Another major challenge impacting America’s ability to meet supply chain demands is the truck driver shortage. In 2021, the American Trucking Association estimated the current industry shortage to be 80,000 drivers, a number it says could double by 2030.

This shortage comes along with an aging workforce. While the average age of new drivers is 35, the average age of all over-the-road truck drivers is 46, according to a 2019 report from the American Trucking Associations. This means the rate of incoming recruits may not be high enough to offset coming retirees.

A trucker lifestyle is rooted in independence, flexibility, stability and security—which many current drivers are likely to appreciate about the job. However, enticing new drivers requires evangelizing trucking’s long-term opportunities.

Fleet managers should actively work to build a culture that empowers drivers and ensures that safety is a principal value. Operators and managers in the back office should be there to support each and every driver in the fleet. They should focus deeply on communication. Fleet managers should make sure drivers feel supported and recognized. Include them in management decisions where appropriate. As drivers are the ones using technology, processes and protocols, it’s important to keep them in the communication loop.

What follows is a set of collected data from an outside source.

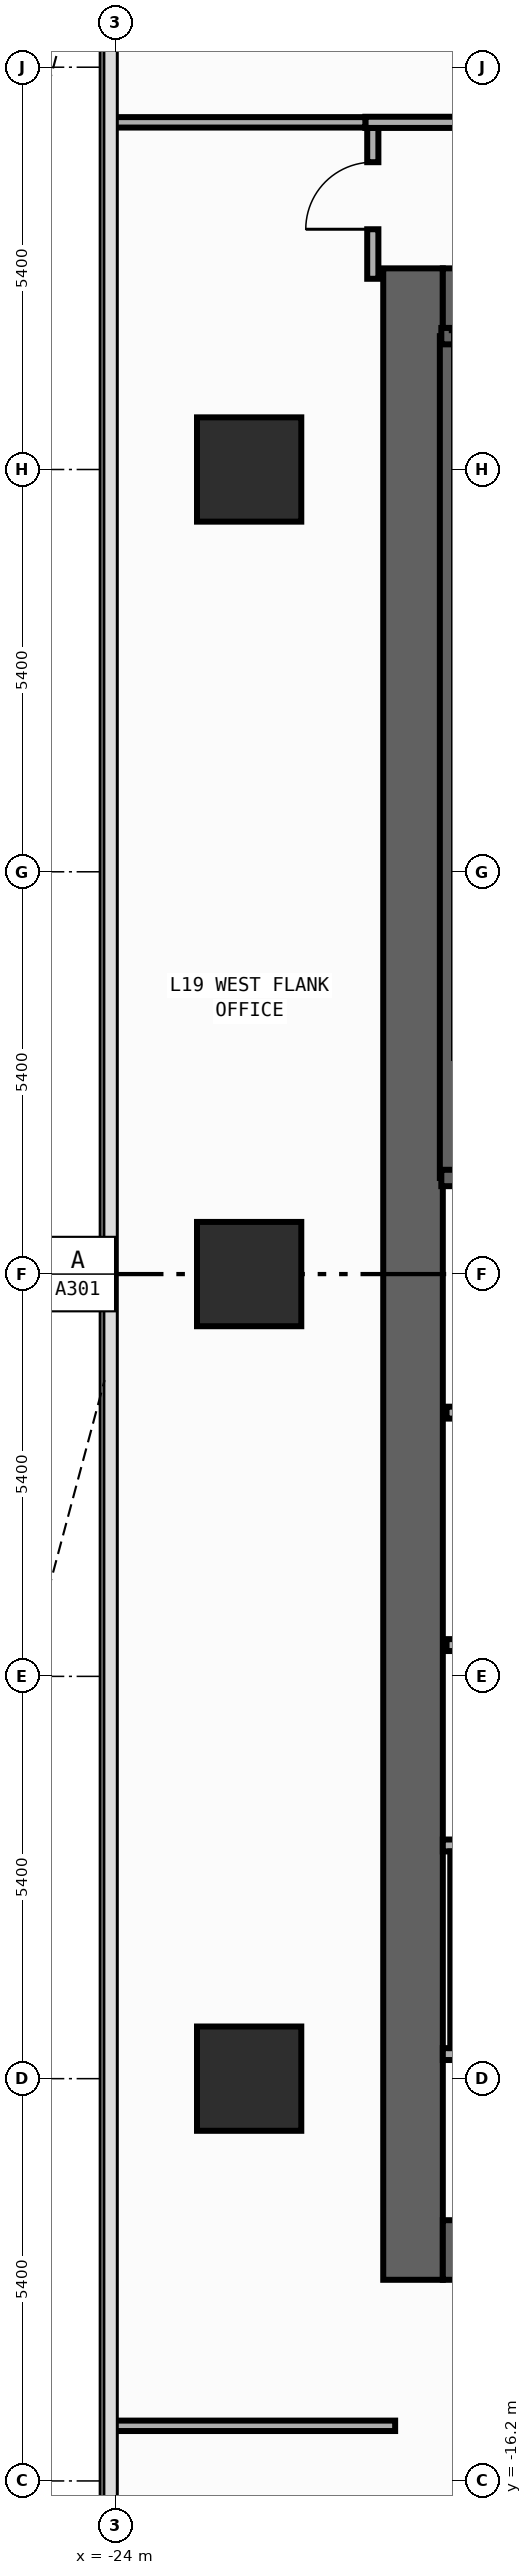
"""IFC4 building model, lengths in metres.
Left out: names, types, materials, properties, quantities, classifications, styles, units other than length and angle.
Written with IfcOpenShell. Run it as: python <this file> out.ifc"""

import sys

from ifc_helpers import new_model, si_unit, direction, frame, frame_2d, origin, origin_2d, place, context, subcontext, project, spatial, rectangle, extrude, element, fill, save


model = new_model("IFC4")
c1 = context("Model", 3, precision=1e-05, world=origin(), true_north=direction((0.0, 1.0)))
c2 = subcontext(c1, "Body", "Model", "MODEL_VIEW")
j1 = project(units=[si_unit("LENGTHUNIT", "METRE"), si_unit("PLANEANGLEUNIT", "RADIAN")], contexts=[c1])
p1 = place(None, origin())
s1 = spatial("IfcSite", under=j1, at=p1, CompositionType="ELEMENT")
p2 = place(p1, origin())
s2 = spatial("IfcBuilding", under=s1, at=p2, CompositionType="ELEMENT")
p3 = place(p2, frame((0.0, 0.0, 80.6)))
s3 = spatial("IfcBuildingStorey", under=s2, at=p3, CompositionType="ELEMENT", Elevation=80.6)
p4 = place(p3, frame((-20.0, -13.5, 0.0), z_axis=(0.0, 0.0, 1.0), x_axis=(0.0, 1.0, 0.0)))
e1 = element("IfcWall", 1, at=p4, inside=s3, PredefinedType="SHEAR", context=c2, shape_type="SweptSolid", body=[
    extrude(rectangle(XDim=27.0, YDim=0.8, at=frame_2d((13.5, 0.0))), origin(), (0.0, 0.0, 1.0), 3.85),
])
for number, where, z_axis, x_axis in (
    (2, (-19.6, -13.1, 0.0), (0.0, 0.0, 1.0), (1.0, 0.0, 0.0)),
    (3, (-19.6, 13.1, 0.0), (0.0, 0.0, 1.0), (1.0, 0.0, 0.0)),
):
    element("IfcWall", number, at=place(p3, frame(where, z_axis=z_axis, x_axis=x_axis)), inside=s3, PredefinedType="SHEAR", context=c2, shape_type="SweptSolid", body=[
        extrude(rectangle(XDim=6.8, YDim=0.8, at=frame_2d((3.4, 0.0))), origin(), (0.0, 0.0, 1.0), 3.85),
    ])
p5 = place(p3, frame((-19.53, 1.29, 0.0), z_axis=(0.0, 0.0, 1.0), x_axis=(0.0, 1.0, 0.0)))
e4 = element("IfcWall", 4, at=p5, inside=s3, PredefinedType="SHEAR", context=c2, shape_type="SweptSolid", body=[
    extrude(rectangle(XDim=11.3, YDim=0.22, at=frame_2d((5.65, 0.0))), origin(), (0.0, 0.0, 1.0), 3.85),
])
p6 = place(p3, frame((-19.62, 12.59, 0.0), z_axis=(0.0, 0.0, 1.0), x_axis=(1.0, 0.0, 0.0)))
e5 = element("IfcWall", 5, at=p6, inside=s3, PredefinedType="SHEAR", context=c2, shape_type="SweptSolid", body=[
    extrude(rectangle(XDim=3.915, YDim=0.22, at=frame_2d((1.958, 0.0))), origin(), (0.0, 0.0, 1.0), 3.85),
])
p7 = place(p3, frame((-19.62, 1.29, 0.0), z_axis=(0.0, 0.0, 1.0), x_axis=(1.0, 0.0, 0.0)))
e6 = element("IfcWall", 6, at=p7, inside=s3, PredefinedType="SHEAR", context=c2, shape_type="SweptSolid", body=[
    extrude(rectangle(XDim=3.915, YDim=0.22, at=frame_2d((1.958, 0.0))), origin(), (0.0, 0.0, 1.0), 3.85),
])
p8 = place(p7, frame((1.08, 0.0, 0.0)))
e7 = element("IfcOpeningElement", 7, at=p8, cuts=e6, PredefinedType="OPENING", context=c2, shape_type="SweptSolid", body=[
    extrude(rectangle(XDim=1.1, YDim=2.2, at=frame_2d((0.55, 1.1))), frame((0.0, 0.12, 0.0), z_axis=(0.0, -1.0, 0.0), x_axis=(1.0, 0.0, 0.0)), (0.0, 0.0, 1.0), 0.24),
])
for number, where, z_axis, x_axis in (
    (8, (-22.2, -10.8, 0.0), (0.0, 0.0, 1.0), (1.0, 0.0, 0.0)),
    (9, (-22.2, 0.0, 0.0), (0.0, 0.0, 1.0), (1.0, 0.0, 0.0)),
    (10, (-22.2, 10.8, 0.0), (0.0, 0.0, 1.0), (1.0, 0.0, 0.0)),
):
    element("IfcColumn", number, at=place(p3, frame(where, z_axis=z_axis, x_axis=x_axis)), inside=s3, PredefinedType="COLUMN", context=c2, shape_type="SweptSolid", body=[
        extrude(rectangle(XDim=1.4, YDim=1.4, at=origin_2d()), origin(), (0.0, 0.0, 1.0), 4.2),
    ])
p9 = place(p3, frame((-19.55, -1.86, 0.0), z_axis=(0.0, 0.0, 1.0), x_axis=(1.0, 0.0, 0.0)))
e11 = element("IfcWall", 11, at=p9, inside=s3, PredefinedType="STANDARD", context=c2, shape_type="SweptSolid", body=[
    extrude(rectangle(XDim=3.8, YDim=0.16, at=frame_2d((1.9, 0.0))), origin(), (0.0, 0.0, 1.0), 3.85),
])
p10 = place(p9, frame((1.18, 0.0, 0.0)))
e12 = element("IfcOpeningElement", 12, at=p10, cuts=e11, PredefinedType="OPENING", context=c2, shape_type="SweptSolid", body=[
    extrude(rectangle(XDim=1.15, YDim=2.2, at=frame_2d((0.575, 1.1))), frame((0.0, 0.09, 0.0), z_axis=(0.0, -1.0, 0.0), x_axis=(1.0, 0.0, 0.0)), (0.0, 0.0, 1.0), 0.18),
])
p11 = place(p3, frame((-19.55, -4.98, 0.0), z_axis=(0.0, 0.0, 1.0), x_axis=(1.0, 0.0, 0.0)))
e13 = element("IfcWall", 13, at=p11, inside=s3, PredefinedType="STANDARD", context=c2, shape_type="SweptSolid", body=[
    extrude(rectangle(XDim=3.8, YDim=0.16, at=frame_2d((1.9, 0.0))), origin(), (0.0, 0.0, 1.0), 3.85),
])
for number, where, z_axis, x_axis in (
    (14, (-19.6, -10.47, 0.0), (0.0, 0.0, 1.0), (1.0, 0.0, 0.0)),
    (15, (-19.6, -7.67, 0.0), (0.0, 0.0, 1.0), (1.0, 0.0, 0.0)),
):
    element("IfcWall", number, at=place(p3, frame(where, z_axis=z_axis, x_axis=x_axis)), inside=s3, PredefinedType="PARTITIONING", context=c2, shape_type="SweptSolid", body=[
        extrude(rectangle(XDim=2.29, YDim=0.16, at=frame_2d((1.145, 0.0))), origin(), (0.0, 0.0, 1.0), 3.85),
    ])
p12 = place(p3, frame((-20.54, 13.36, 0.0), z_axis=(0.0, 0.0, 1.0), x_axis=(0.0, 1.0, 0.0)))
e16 = element("IfcWall", 16, at=p12, inside=s3, PredefinedType="PARTITIONING", context=c2, shape_type="SweptSolid", body=[
    extrude(rectangle(XDim=2.025, YDim=0.15, at=frame_2d((1.012, 0.0))), origin(), (0.0, 0.0, 1.0), 3.85),
])
p13 = place(p12, frame((0.665, 0.0, 0.0)))
e17 = element("IfcOpeningElement", 17, at=p13, cuts=e16, PredefinedType="OPENING", context=c2, shape_type="SweptSolid", body=[
    extrude(rectangle(XDim=0.9, YDim=2.15, at=frame_2d((0.45, 1.075))), frame((0.0, 0.085, 0.0), z_axis=(0.0, -1.0, 0.0), x_axis=(1.0, 0.0, 0.0)), (0.0, 0.0, 1.0), 0.17),
])
p14 = place(p3, frame((-20.64, 15.46, 0.0), z_axis=(0.0, 0.0, 1.0), x_axis=(1.0, 0.0, 0.0)))
e18 = element("IfcWall", 18, at=p14, inside=s3, PredefinedType="PARTITIONING", context=c2, shape_type="SweptSolid", body=[
    extrude(rectangle(XDim=7.312, YDim=0.15, at=frame_2d((3.656, 0.0))), origin(), (0.0, 0.0, 1.0), 3.85),
])
p15 = place(p14, frame((2.698, 0.0, 0.0)))
e19 = element("IfcOpeningElement", 19, at=p15, cuts=e18, PredefinedType="OPENING", context=c2, shape_type="SweptSolid", body=[
    extrude(rectangle(XDim=0.9, YDim=2.15, at=frame_2d((0.45, 1.075))), frame((0.0, 0.085, 0.0), z_axis=(0.0, -1.0, 0.0), x_axis=(1.0, 0.0, 0.0)), (0.0, 0.0, 1.0), 0.17),
])
p16 = place(p3, frame((-24.055, 15.46, 0.0), z_axis=(0.0, 0.0, 1.0), x_axis=(1.0, 0.0, 0.0)))
e20 = element("IfcWall", 20, at=p16, inside=s3, PredefinedType="PARTITIONING", context=c2, shape_type="SweptSolid", body=[
    extrude(rectangle(XDim=3.415, YDim=0.14, at=frame_2d((1.708, 0.0))), origin(), (0.0, 0.0, 1.0), 3.85),
])
p17 = place(p3, frame((-24.055, -15.46, 0.0), z_axis=(0.0, 0.0, 1.0), x_axis=(1.0, 0.0, 0.0)))
e21 = element("IfcWall", 21, at=p17, inside=s3, PredefinedType="PARTITIONING", context=c2, shape_type="SweptSolid", body=[
    extrude(rectangle(XDim=3.815, YDim=0.14, at=frame_2d((1.907, 0.0))), origin(), (0.0, 0.0, 1.0), 3.85),
])
p18 = place(p3, frame((-19.45, -10.39, 0.0), z_axis=(0.0, 0.0, 1.0), x_axis=(0.0, 1.0, 0.0)))
e22 = element("IfcWall", 22, at=p18, inside=s3, PredefinedType="PARTITIONING", context=c2, shape_type="SweptSolid", body=[
    extrude(rectangle(XDim=2.64, YDim=0.1, at=frame_2d((1.32, 0.0))), origin(), (0.0, 0.0, 1.0), 3.85),
])
p19 = place(p13, origin())
e23 = element("IfcDoor", 23, at=p19, inside=s3, OperationType="SINGLE_SWING_LEFT", PredefinedType="DOOR", context=c2, shape_type="SweptSolid", body=[
    extrude(rectangle(XDim=0.9, YDim=2.15, at=frame_2d((0.45, 1.075))), frame((0.0, 0.025, 0.0), z_axis=(0.0, -1.0, 0.0), x_axis=(1.0, 0.0, 0.0)), (0.0, 0.0, 1.0), 0.05),
])
fill(e17, e23)
save(model, sys.argv[1])

This open line of communication can be established through radio, messaging apps, phone calls and tablets with the goal of boosting driver morale, celebrating successes and career milestones, and reminding drivers that there is a team of supporters behind them.

Check in with drivers, incentivize them, and remember that the technology at your disposal is more than just a way to ensure regulatory compliance. The industry has access to powerful data from many integrated technologies, but it’s up to fleets to use the technologies they adopt in a way that retains current drivers and attracts new ones.

Knowing that any industry’s greatest asset is its people, leaders should do what they can to create a supportive, modern company culture that entices new and young employees into the market.

What is the path forward for growth?

Economic turmoil concerns both employers and employees. The challenge of maintaining a vibrant long-term economy is that there will be economic downturns and calamities to contend with. Concentrated strategies to lengthen the lifecycle of assets with predictive maintenance, better understand and monitor expenses related to costly materials and create a culture that encourages young recruits during workforce shortages can permit leaders to bolster organization-wide efficiency and maintain operations—especially in the worst of times.